Hyperparameter tuning works end-to-end, including preprocessing.

This code is doing hyperparameter tuning using Grid Search to find the best settings for a machine learning model inside a pipeline.

In [None]:
param_grid = {
    'model__C': [0.1, 1.0, 10],
    'model__penalty': ['l2']
}

grid = GridSearchCV(clf, param_grid, cv=3)
grid.fit(X_train, y_train)
print("Best params:", grid.best_params_)
print("Test accuracy:", accuracy_score(y_test, grid.predict(X_test)))

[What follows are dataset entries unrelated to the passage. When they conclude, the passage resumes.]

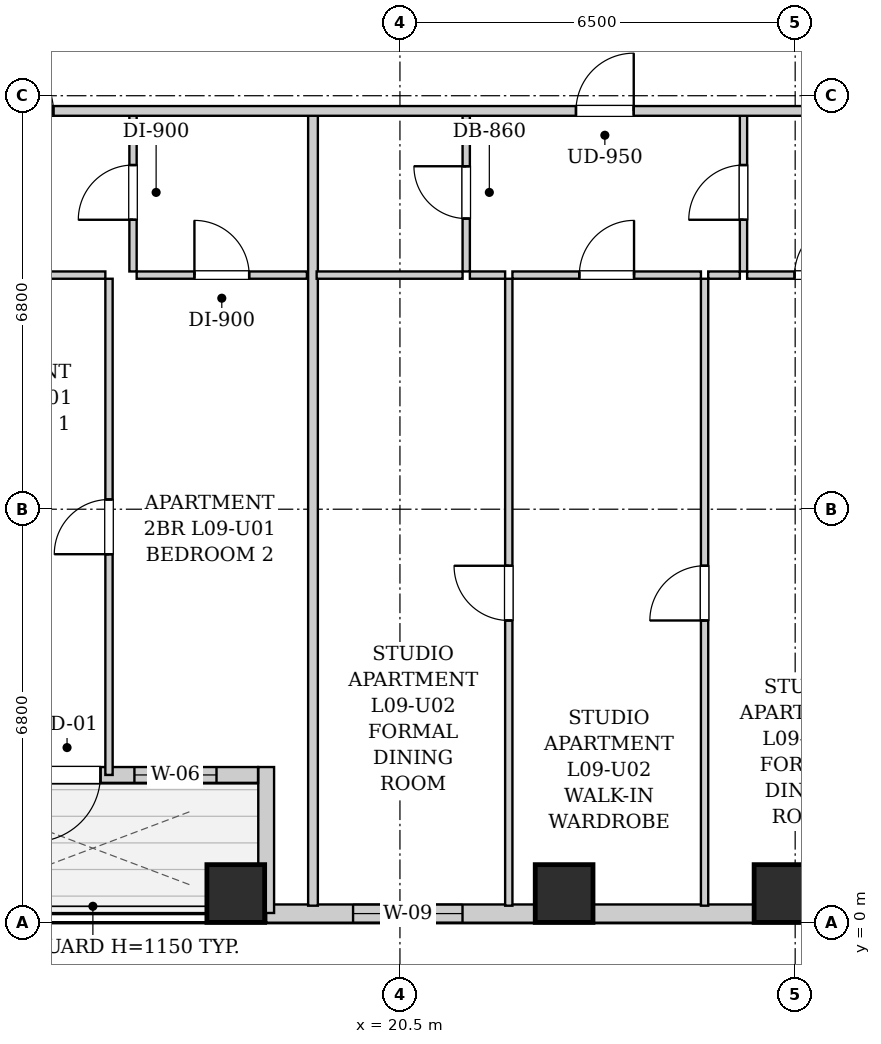
"""IFC4 building model, lengths in metres.
Left out: names, types, materials, properties, quantities, classifications, styles, units other than length and angle.
Written with IfcOpenShell. Run it as: python <this file> out.ifc"""

import sys

from ifc_helpers import new_model, si_unit, direction, frame, frame_2d, origin, origin_2d, place, context, subcontext, project, spatial, rectangle, extrude, element, fill, save


model = new_model("IFC4")
c1 = context("Model", 3, precision=1e-05, world=origin(), true_north=direction((0.0, 1.0)))
c2 = subcontext(c1, "Body", "Model", "MODEL_VIEW")
j1 = project(units=[si_unit("LENGTHUNIT", "METRE"), si_unit("PLANEANGLEUNIT", "RADIAN")], contexts=[c1])
p1 = place(None, origin())
s1 = spatial("IfcSite", under=j1, at=p1, CompositionType="ELEMENT")
p2 = place(p1, origin())
s2 = spatial("IfcBuilding", under=s1, at=p2, CompositionType="ELEMENT")
p3 = place(p2, frame((0.0, 0.0, 38.6)))
s3 = spatial("IfcBuildingStorey", under=s2, at=p3, CompositionType="ELEMENT", Elevation=38.6)
for number, where, z_axis, x_axis in (
    (1, (17.8, 0.48, 0.0), (0.0, 0.0, 1.0), (1.0, 0.0, 0.0)),
    (2, (23.2, 0.48, 0.0), (0.0, 0.0, 1.0), (1.0, 0.0, 0.0)),
    (3, (26.8, 0.48, 0.0), (0.0, 0.0, 1.0), (1.0, 0.0, 0.0)),
):
    element("IfcColumn", number, at=place(p3, frame(where, z_axis=z_axis, x_axis=x_axis)), inside=s3, PredefinedType="COLUMN", context=c2, shape_type="SweptSolid", body=[
        extrude(rectangle(XDim=0.95, YDim=0.95, at=origin_2d()), origin(), (0.0, 0.0, 1.0), 3.2),
    ])
p4 = place(p3, frame((44.0, 0.15, 0.0), z_axis=(0.0, 0.0, 1.0), x_axis=(-1.0, 0.0, 0.0)))
e4 = element("IfcWall", 4, at=p4, inside=s3, PredefinedType="SOLIDWALL", context=c2, shape_type="SweptSolid", body=[
    extrude(rectangle(XDim=25.7, YDim=0.3, at=frame_2d((12.85, 0.0))), origin(), (0.0, 0.0, 1.0), 1.975),
])
p5 = place(p4, frame((22.471, 0.0, 0.55)))
e5 = element("IfcOpeningElement", 5, at=p5, cuts=e4, PredefinedType="OPENING", context=c2, shape_type="SweptSolid", body=[
    extrude(rectangle(XDim=1.8, YDim=1.2, at=frame_2d((0.9, 0.6))), frame((0.0, 0.16, 0.0), z_axis=(0.0, -1.0, 0.0), x_axis=(1.0, 0.0, 0.0)), (0.0, 0.0, 1.0), 0.32),
])
p6 = place(p4, frame((15.65, 0.0, 0.55)))
e6 = element("IfcOpeningElement", 6, at=p6, cuts=e4, PredefinedType="OPENING", context=c2, shape_type="SweptSolid", body=[
    extrude(rectangle(XDim=0.85, YDim=1.2, at=frame_2d((0.425, 0.6))), frame((0.0, 0.16, 0.0), z_axis=(0.0, -1.0, 0.0), x_axis=(1.0, 0.0, 0.0)), (0.0, 0.0, 1.0), 0.32),
])
p7 = place(p4, frame((12.777, 0.0, 0.55)))
e7 = element("IfcOpeningElement", 7, at=p7, cuts=e4, PredefinedType="OPENING", context=c2, shape_type="SweptSolid", body=[
    extrude(rectangle(XDim=1.8, YDim=1.2, at=frame_2d((0.9, 0.6))), frame((0.0, 0.16, 0.0), z_axis=(0.0, -1.0, 0.0), x_axis=(1.0, 0.0, 0.0)), (0.0, 0.0, 1.0), 0.32),
])
p8 = place(p4, frame((9.315, 0.0, 0.55)))
e8 = element("IfcOpeningElement", 8, at=p8, cuts=e4, PredefinedType="OPENING", context=c2, shape_type="SweptSolid", body=[
    extrude(rectangle(XDim=0.85, YDim=1.2, at=frame_2d((0.425, 0.6))), frame((0.0, 0.16, 0.0), z_axis=(0.0, -1.0, 0.0), x_axis=(1.0, 0.0, 0.0)), (0.0, 0.0, 1.0), 0.32),
])
p9 = place(p4, frame((6.435, 0.0, 0.55)))
e9 = element("IfcOpeningElement", 9, at=p9, cuts=e4, PredefinedType="OPENING", context=c2, shape_type="SweptSolid", body=[
    extrude(rectangle(XDim=1.8, YDim=1.2, at=frame_2d((0.9, 0.6))), frame((0.0, 0.16, 0.0), z_axis=(0.0, -1.0, 0.0), x_axis=(1.0, 0.0, 0.0)), (0.0, 0.0, 1.0), 0.32),
])
p10 = place(p4, frame((2.106, 0.0, 0.55)))
e10 = element("IfcOpeningElement", 10, at=p10, cuts=e4, PredefinedType="OPENING", context=c2, shape_type="SweptSolid", body=[
    extrude(rectangle(XDim=1.8, YDim=1.2, at=frame_2d((0.9, 0.6))), frame((0.0, 0.16, 0.0), z_axis=(0.0, -1.0, 0.0), x_axis=(1.0, 0.0, 0.0)), (0.0, 0.0, 1.0), 0.32),
])
p11 = place(p3, frame((18.3, 0.16, 0.0), z_axis=(0.0, 0.0, 1.0), x_axis=(0.0, 1.0, 0.0)))
e11 = element("IfcWall", 11, at=p11, inside=s3, PredefinedType="SOLIDWALL", context=c2, shape_type="SweptSolid", body=[
    extrude(rectangle(XDim=2.4, YDim=0.26, at=frame_2d((1.2, 0.0))), origin(), (0.0, 0.0, 1.0), 2.94),
])
p12 = place(p3, frame((18.166, 2.43, 0.0), z_axis=(0.0, 0.0, 1.0), x_axis=(-1.0, 0.0, 0.0)))
e12 = element("IfcWall", 12, at=p12, inside=s3, PredefinedType="SOLIDWALL", context=c2, shape_type="SweptSolid", body=[
    extrude(rectangle(XDim=5.432, YDim=0.26, at=frame_2d((2.716, 0.0))), origin(), (0.0, 0.0, 1.0), 2.94),
])
p13 = place(p12, frame((2.591, 0.0, 0.0)))
e13 = element("IfcOpeningElement", 13, at=p13, cuts=e12, PredefinedType="OPENING", context=c2, shape_type="SweptSolid", body=[
    extrude(rectangle(XDim=1.1, YDim=2.0, at=frame_2d((0.55, 1.0))), frame((0.0, 0.14, 0.0), z_axis=(0.0, -1.0, 0.0), x_axis=(1.0, 0.0, 0.0)), (0.0, 0.0, 1.0), 0.28),
])
p14 = place(p12, frame((3.851, 0.0, 0.55)))
e14 = element("IfcOpeningElement", 14, at=p14, cuts=e12, PredefinedType="OPENING", context=c2, shape_type="SweptSolid", body=[
    extrude(rectangle(XDim=0.85, YDim=1.2, at=frame_2d((0.425, 0.6))), frame((0.0, 0.14, 0.0), z_axis=(0.0, -1.0, 0.0), x_axis=(1.0, 0.0, 0.0)), (0.0, 0.0, 1.0), 0.28),
])
p15 = place(p12, frame((0.683, 0.0, 0.85)))
e15 = element("IfcOpeningElement", 15, at=p15, cuts=e12, PredefinedType="OPENING", context=c2, shape_type="SweptSolid", body=[
    extrude(rectangle(XDim=1.35, YDim=1.65, at=frame_2d((0.675, 0.825))), frame((0.0, 0.14, 0.0), z_axis=(0.0, -1.0, 0.0), x_axis=(1.0, 0.0, 0.0)), (0.0, 0.0, 1.0), 0.28),
])
p16 = place(p3, frame((16.11, 10.71, 0.0), z_axis=(0.0, 0.0, 1.0), x_axis=(0.0, 1.0, 0.0)))
e16 = element("IfcWall", 16, at=p16, inside=s3, PredefinedType="PARTITIONING", context=c2, shape_type="SweptSolid", body=[
    extrude(rectangle(XDim=2.6, YDim=0.12, at=frame_2d((1.3, 0.0))), origin(), (0.0, 0.0, 1.0), 2.94),
])
p17 = place(p16, frame((0.85, 0.0, 0.0)))
e17 = element("IfcOpeningElement", 17, at=p17, cuts=e16, PredefinedType="OPENING", context=c2, shape_type="SweptSolid", body=[
    extrude(rectangle(XDim=0.9, YDim=2.05, at=frame_2d((0.45, 1.025))), frame((0.0, 0.07, 0.0), z_axis=(0.0, -1.0, 0.0), x_axis=(1.0, 0.0, 0.0)), (0.0, 0.0, 1.0), 0.14),
])
p18 = place(p3, frame((12.6, 10.65, 0.0), z_axis=(0.0, 0.0, 1.0), x_axis=(1.0, 0.0, 0.0)))
e18 = element("IfcWall", 18, at=p18, inside=s3, PredefinedType="PARTITIONING", context=c2, shape_type="SweptSolid", body=[
    extrude(rectangle(XDim=3.055, YDim=0.12, at=frame_2d((1.527, 0.0))), origin(), (0.0, 0.0, 1.0), 2.94),
])
p19 = place(p18, frame((1.077, 0.0, 0.0)))
e19 = element("IfcOpeningElement", 19, at=p19, cuts=e18, PredefinedType="OPENING", context=c2, shape_type="SweptSolid", body=[
    extrude(rectangle(XDim=0.9, YDim=2.05, at=frame_2d((0.45, 1.025))), frame((0.0, 0.07, 0.0), z_axis=(0.0, -1.0, 0.0), x_axis=(1.0, 0.0, 0.0)), (0.0, 0.0, 1.0), 0.14),
])
p20 = place(p3, frame((16.17, 10.65, 0.0), z_axis=(0.0, 0.0, 1.0), x_axis=(1.0, 0.0, 0.0)))
e20 = element("IfcWall", 20, at=p20, inside=s3, PredefinedType="PARTITIONING", context=c2, shape_type="SweptSolid", body=[
    extrude(rectangle(XDim=2.8, YDim=0.12, at=frame_2d((1.4, 0.0))), origin(), (0.0, 0.0, 1.0), 2.94),
])
p21 = place(p20, frame((0.95, 0.0, 0.0)))
e21 = element("IfcOpeningElement", 21, at=p21, cuts=e20, PredefinedType="OPENING", context=c2, shape_type="SweptSolid", body=[
    extrude(rectangle(XDim=0.9, YDim=2.05, at=frame_2d((0.45, 1.025))), frame((0.0, 0.07, 0.0), z_axis=(0.0, -1.0, 0.0), x_axis=(1.0, 0.0, 0.0)), (0.0, 0.0, 1.0), 0.14),
])
p22 = place(p3, frame((15.715, 2.43, 0.0), z_axis=(0.0, 0.0, 1.0), x_axis=(0.0, 1.0, 0.0)))
e22 = element("IfcWall", 22, at=p22, inside=s3, PredefinedType="PARTITIONING", context=c2, shape_type="SweptSolid", body=[
    extrude(rectangle(XDim=8.16, YDim=0.12, at=frame_2d((4.08, 0.0))), origin(), (0.0, 0.0, 1.0), 2.94),
])
p23 = place(p22, frame((3.63, 0.0, 0.0)))
e23 = element("IfcOpeningElement", 23, at=p23, cuts=e22, PredefinedType="OPENING", context=c2, shape_type="SweptSolid", body=[
    extrude(rectangle(XDim=0.9, YDim=2.05, at=frame_2d((0.45, 1.025))), frame((0.0, 0.07, 0.0), z_axis=(0.0, -1.0, 0.0), x_axis=(1.0, 0.0, 0.0)), (0.0, 0.0, 1.0), 0.14),
])
p24 = place(p3, frame((19.07, 0.28, 0.0), z_axis=(0.0, 0.0, 1.0), x_axis=(0.0, 1.0, 0.0)))
e24 = element("IfcWall", 24, at=p24, inside=s3, PredefinedType="PARTITIONING", context=c2, shape_type="SweptSolid", body=[
    extrude(rectangle(XDim=13.03, YDim=0.16, at=frame_2d((6.515, 0.0))), origin(), (0.0, 0.0, 1.0), 2.94),
])
p25 = place(p3, frame((21.59, 10.71, 0.0), z_axis=(0.0, 0.0, 1.0), x_axis=(0.0, 1.0, 0.0)))
e25 = element("IfcWall", 25, at=p25, inside=s3, PredefinedType="PARTITIONING", context=c2, shape_type="SweptSolid", body=[
    extrude(rectangle(XDim=2.6, YDim=0.12, at=frame_2d((1.3, 0.0))), origin(), (0.0, 0.0, 1.0), 2.94),
])
p26 = place(p25, frame((0.87, 0.0, 0.0)))
e26 = element("IfcOpeningElement", 26, at=p26, cuts=e25, PredefinedType="OPENING", context=c2, shape_type="SweptSolid", body=[
    extrude(rectangle(XDim=0.86, YDim=2.05, at=frame_2d((0.43, 1.025))), frame((0.0, 0.07, 0.0), z_axis=(0.0, -1.0, 0.0), x_axis=(1.0, 0.0, 0.0)), (0.0, 0.0, 1.0), 0.14),
])
p27 = place(p3, frame((19.13, 10.65, 0.0), z_axis=(0.0, 0.0, 1.0), x_axis=(1.0, 0.0, 0.0)))
e27 = element("IfcWall", 27, at=p27, inside=s3, PredefinedType="PARTITIONING", context=c2, shape_type="SweptSolid", body=[
    extrude(rectangle(XDim=2.4, YDim=0.12, at=frame_2d((1.2, 0.0))), origin(), (0.0, 0.0, 1.0), 2.94),
])
p28 = place(p3, frame((26.15, 10.71, 0.0), z_axis=(0.0, 0.0, 1.0), x_axis=(0.0, 1.0, 0.0)))
e28 = element("IfcWall", 28, at=p28, inside=s3, PredefinedType="PARTITIONING", context=c2, shape_type="SweptSolid", body=[
    extrude(rectangle(XDim=2.6, YDim=0.12, at=frame_2d((1.3, 0.0))), origin(), (0.0, 0.0, 1.0), 2.94),
])
p29 = place(p28, frame((0.85, 0.0, 0.0)))
e29 = element("IfcOpeningElement", 29, at=p29, cuts=e28, PredefinedType="OPENING", context=c2, shape_type="SweptSolid", body=[
    extrude(rectangle(XDim=0.9, YDim=2.05, at=frame_2d((0.45, 1.025))), frame((0.0, 0.07, 0.0), z_axis=(0.0, -1.0, 0.0), x_axis=(1.0, 0.0, 0.0)), (0.0, 0.0, 1.0), 0.14),
])
p30 = place(p3, frame((21.65, 10.65, 0.0), z_axis=(0.0, 0.0, 1.0), x_axis=(1.0, 0.0, 0.0)))
e30 = element("IfcWall", 30, at=p30, inside=s3, PredefinedType="PARTITIONING", context=c2, shape_type="SweptSolid", body=[
    extrude(rectangle(XDim=0.58, YDim=0.12, at=frame_2d((0.29, 0.0))), origin(), (0.0, 0.0, 1.0), 2.94),
])
p31 = place(p3, frame((22.35, 10.65, 0.0), z_axis=(0.0, 0.0, 1.0), x_axis=(1.0, 0.0, 0.0)))
e31 = element("IfcWall", 31, at=p31, inside=s3, PredefinedType="PARTITIONING", context=c2, shape_type="SweptSolid", body=[
    extrude(rectangle(XDim=3.1, YDim=0.12, at=frame_2d((1.55, 0.0))), origin(), (0.0, 0.0, 1.0), 2.94),
])
p32 = place(p31, frame((1.1, 0.0, 0.0)))
e32 = element("IfcOpeningElement", 32, at=p32, cuts=e31, PredefinedType="OPENING", context=c2, shape_type="SweptSolid", body=[
    extrude(rectangle(XDim=0.9, YDim=2.05, at=frame_2d((0.45, 1.025))), frame((0.0, 0.07, 0.0), z_axis=(0.0, -1.0, 0.0), x_axis=(1.0, 0.0, 0.0)), (0.0, 0.0, 1.0), 0.14),
])
p33 = place(p3, frame((25.57, 10.65, 0.0), z_axis=(0.0, 0.0, 1.0), x_axis=(1.0, 0.0, 0.0)))
e33 = element("IfcWall", 33, at=p33, inside=s3, PredefinedType="PARTITIONING", context=c2, shape_type="SweptSolid", body=[
    extrude(rectangle(XDim=0.52, YDim=0.12, at=frame_2d((0.26, 0.0))), origin(), (0.0, 0.0, 1.0), 2.94),
])
p34 = place(p3, frame((26.21, 10.65, 0.0), z_axis=(0.0, 0.0, 1.0), x_axis=(1.0, 0.0, 0.0)))
e34 = element("IfcWall", 34, at=p34, inside=s3, PredefinedType="PARTITIONING", context=c2, shape_type="SweptSolid", body=[
    extrude(rectangle(XDim=2.46, YDim=0.12, at=frame_2d((1.23, 0.0))), origin(), (0.0, 0.0, 1.0), 2.94),
])
p35 = place(p34, frame((0.78, 0.0, 0.0)))
e35 = element("IfcOpeningElement", 35, at=p35, cuts=e34, PredefinedType="OPENING", context=c2, shape_type="SweptSolid", body=[
    extrude(rectangle(XDim=0.9, YDim=2.05, at=frame_2d((0.45, 1.025))), frame((0.0, 0.07, 0.0), z_axis=(0.0, -1.0, 0.0), x_axis=(1.0, 0.0, 0.0)), (0.0, 0.0, 1.0), 0.14),
])
p36 = place(p3, frame((22.29, 0.28, 0.0), z_axis=(0.0, 0.0, 1.0), x_axis=(0.0, 1.0, 0.0)))
e36 = element("IfcWall", 36, at=p36, inside=s3, PredefinedType="PARTITIONING", context=c2, shape_type="SweptSolid", body=[
    extrude(rectangle(XDim=10.31, YDim=0.12, at=frame_2d((5.155, 0.0))), origin(), (0.0, 0.0, 1.0), 2.94),
])
p37 = place(p36, frame((4.69, 0.0, 0.0)))
e37 = element("IfcOpeningElement", 37, at=p37, cuts=e36, PredefinedType="OPENING", context=c2, shape_type="SweptSolid", body=[
    extrude(rectangle(XDim=0.9, YDim=2.05, at=frame_2d((0.45, 1.025))), frame((0.0, 0.07, 0.0), z_axis=(0.0, -1.0, 0.0), x_axis=(1.0, 0.0, 0.0)), (0.0, 0.0, 1.0), 0.14),
])
p38 = place(p3, frame((25.51, 0.28, 0.0), z_axis=(0.0, 0.0, 1.0), x_axis=(0.0, 1.0, 0.0)))
e38 = element("IfcWall", 38, at=p38, inside=s3, PredefinedType="PARTITIONING", context=c2, shape_type="SweptSolid", body=[
    extrude(rectangle(XDim=10.31, YDim=0.12, at=frame_2d((5.155, 0.0))), origin(), (0.0, 0.0, 1.0), 2.94),
])
p39 = place(p38, frame((4.69, 0.0, 0.0)))
e39 = element("IfcOpeningElement", 39, at=p39, cuts=e38, PredefinedType="OPENING", context=c2, shape_type="SweptSolid", body=[
    extrude(rectangle(XDim=0.9, YDim=2.05, at=frame_2d((0.45, 1.025))), frame((0.0, 0.07, 0.0), z_axis=(0.0, -1.0, 0.0), x_axis=(1.0, 0.0, 0.0)), (0.0, 0.0, 1.0), 0.14),
])
p40 = place(p3, frame((10.05, 13.35, 0.0), z_axis=(0.0, 0.0, 1.0), x_axis=(1.0, 0.0, 0.0)))
e40 = element("IfcWall", 40, at=p40, inside=s3, PredefinedType="PARTITIONING", context=c2, shape_type="SweptSolid", body=[
    extrude(rectangle(XDim=33.9, YDim=0.16, at=frame_2d((16.95, 0.0))), origin(), (0.0, 0.0, 1.0), 2.94),
])
p41 = place(p40, frame((3.8, 0.0, 0.0)))
e41 = element("IfcOpeningElement", 41, at=p41, cuts=e40, PredefinedType="OPENING", context=c2, shape_type="SweptSolid", body=[
    extrude(rectangle(XDim=0.95, YDim=2.1, at=frame_2d((0.475, 1.05))), frame((0.0, 0.09, 0.0), z_axis=(0.0, -1.0, 0.0), x_axis=(1.0, 0.0, 0.0)), (0.0, 0.0, 1.0), 0.18),
])
p42 = place(p40, frame((13.345, 0.0, 0.0)))
e42 = element("IfcOpeningElement", 42, at=p42, cuts=e40, PredefinedType="OPENING", context=c2, shape_type="SweptSolid", body=[
    extrude(rectangle(XDim=0.95, YDim=2.1, at=frame_2d((0.475, 1.05))), frame((0.0, 0.09, 0.0), z_axis=(0.0, -1.0, 0.0), x_axis=(1.0, 0.0, 0.0)), (0.0, 0.0, 1.0), 0.18),
])
p43 = place(p17, origin())
e43 = element("IfcDoor", 43, at=p43, inside=s3, OperationType="SINGLE_SWING_LEFT", PredefinedType="DOOR", context=c2, shape_type="SweptSolid", body=[
    extrude(rectangle(XDim=0.9, YDim=2.05, at=frame_2d((0.45, 1.025))), frame((0.0, 0.025, 0.0), z_axis=(0.0, -1.0, 0.0), x_axis=(1.0, 0.0, 0.0)), (0.0, 0.0, 1.0), 0.05),
])
fill(e17, e43)
p44 = place(p21, origin())
e44 = element("IfcDoor", 44, at=p44, inside=s3, OperationType="SINGLE_SWING_LEFT", PredefinedType="DOOR", context=c2, shape_type="SweptSolid", body=[
    extrude(rectangle(XDim=0.9, YDim=2.05, at=frame_2d((0.45, 1.025))), frame((0.0, 0.025, 0.0), z_axis=(0.0, -1.0, 0.0), x_axis=(1.0, 0.0, 0.0)), (0.0, 0.0, 1.0), 0.05),
])
fill(e21, e44)
p45 = place(p23, origin())
e45 = element("IfcDoor", 45, at=p45, inside=s3, OperationType="SINGLE_SWING_LEFT", PredefinedType="DOOR", context=c2, shape_type="SweptSolid", body=[
    extrude(rectangle(XDim=0.9, YDim=2.05, at=frame_2d((0.45, 1.025))), frame((0.0, 0.025, 0.0), z_axis=(0.0, -1.0, 0.0), x_axis=(1.0, 0.0, 0.0)), (0.0, 0.0, 1.0), 0.05),
])
fill(e23, e45)
p46 = place(p26, origin())
e46 = element("IfcDoor", 46, at=p46, inside=s3, OperationType="SINGLE_SWING_RIGHT", PredefinedType="DOOR", context=c2, shape_type="SweptSolid", body=[
    extrude(rectangle(XDim=0.86, YDim=2.05, at=frame_2d((0.43, 1.025))), frame((0.0, 0.025, 0.0), z_axis=(0.0, -1.0, 0.0), x_axis=(1.0, 0.0, 0.0)), (0.0, 0.0, 1.0), 0.05),
])
fill(e26, e46)
p47 = place(p29, origin())
e47 = element("IfcDoor", 47, at=p47, inside=s3, OperationType="SINGLE_SWING_LEFT", PredefinedType="DOOR", context=c2, shape_type="SweptSolid", body=[
    extrude(rectangle(XDim=0.9, YDim=2.05, at=frame_2d((0.45, 1.025))), frame((0.0, 0.025, 0.0), z_axis=(0.0, -1.0, 0.0), x_axis=(1.0, 0.0, 0.0)), (0.0, 0.0, 1.0), 0.05),
])
fill(e29, e47)
p48 = place(p32, origin())
e48 = element("IfcDoor", 48, at=p48, inside=s3, OperationType="SINGLE_SWING_RIGHT", PredefinedType="DOOR", context=c2, shape_type="SweptSolid", body=[
    extrude(rectangle(XDim=0.9, YDim=2.05, at=frame_2d((0.45, 1.025))), frame((0.0, 0.025, 0.0), z_axis=(0.0, -1.0, 0.0), x_axis=(1.0, 0.0, 0.0)), (0.0, 0.0, 1.0), 0.05),
])
fill(e32, e48)
p49 = place(p35, origin())
e49 = element("IfcDoor", 49, at=p49, inside=s3, OperationType="SINGLE_SWING_RIGHT", PredefinedType="DOOR", context=c2, shape_type="SweptSolid", body=[
    extrude(rectangle(XDim=0.9, YDim=2.05, at=frame_2d((0.45, 1.025))), frame((0.0, 0.025, 0.0), z_axis=(0.0, -1.0, 0.0), x_axis=(1.0, 0.0, 0.0)), (0.0, 0.0, 1.0), 0.05),
])
fill(e35, e49)
p50 = place(p37, origin())
e50 = element("IfcDoor", 50, at=p50, inside=s3, OperationType="SINGLE_SWING_RIGHT", PredefinedType="DOOR", context=c2, shape_type="SweptSolid", body=[
    extrude(rectangle(XDim=0.9, YDim=2.05, at=frame_2d((0.45, 1.025))), frame((0.0, 0.025, 0.0), z_axis=(0.0, -1.0, 0.0), x_axis=(1.0, 0.0, 0.0)), (0.0, 0.0, 1.0), 0.05),
])
fill(e37, e50)
p51 = place(p39, origin())
e51 = element("IfcDoor", 51, at=p51, inside=s3, OperationType="SINGLE_SWING_LEFT", PredefinedType="DOOR", context=c2, shape_type="SweptSolid", body=[
    extrude(rectangle(XDim=0.9, YDim=2.05, at=frame_2d((0.45, 1.025))), frame((0.0, 0.025, 0.0), z_axis=(0.0, -1.0, 0.0), x_axis=(1.0, 0.0, 0.0)), (0.0, 0.0, 1.0), 0.05),
])
fill(e39, e51)
p52 = place(p41, origin())
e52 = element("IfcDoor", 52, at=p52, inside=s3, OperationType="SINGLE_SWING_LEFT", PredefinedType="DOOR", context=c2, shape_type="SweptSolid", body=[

## 8. Saving and Loading Pipelines

In [None]:
joblib.dump(grid.best_estimator_, 'titanic_pipeline.pkl')
loaded_model = joblib.load('titanic_pipeline.pkl')
print("Reloaded Accuracy:", accuracy_score(y_test, loaded_model.predict(X_test)))

## 9. Single Prediction

In [None]:
# Build a single, realistic passenger row
one = pd.DataFrame([{
    "pclass": 2,
    "sex": "female",
    "age": 28,
    "fare": 20.0
}])

# predict from loaded model
print("Survival probability:", loaded_model.predict_proba(one)[0,1])
print("Predicted class     :", int(loaded_model.predict(one)[0]))

## 9. Key Takeaways

* Pipelines ensure consistent preprocessing and reproducible training.
* They simplify code and prevent leakage automatically.
* Pipelines are production-ready and easy to deploy with joblib.
* You can tune preprocessing and model hyperparameters together.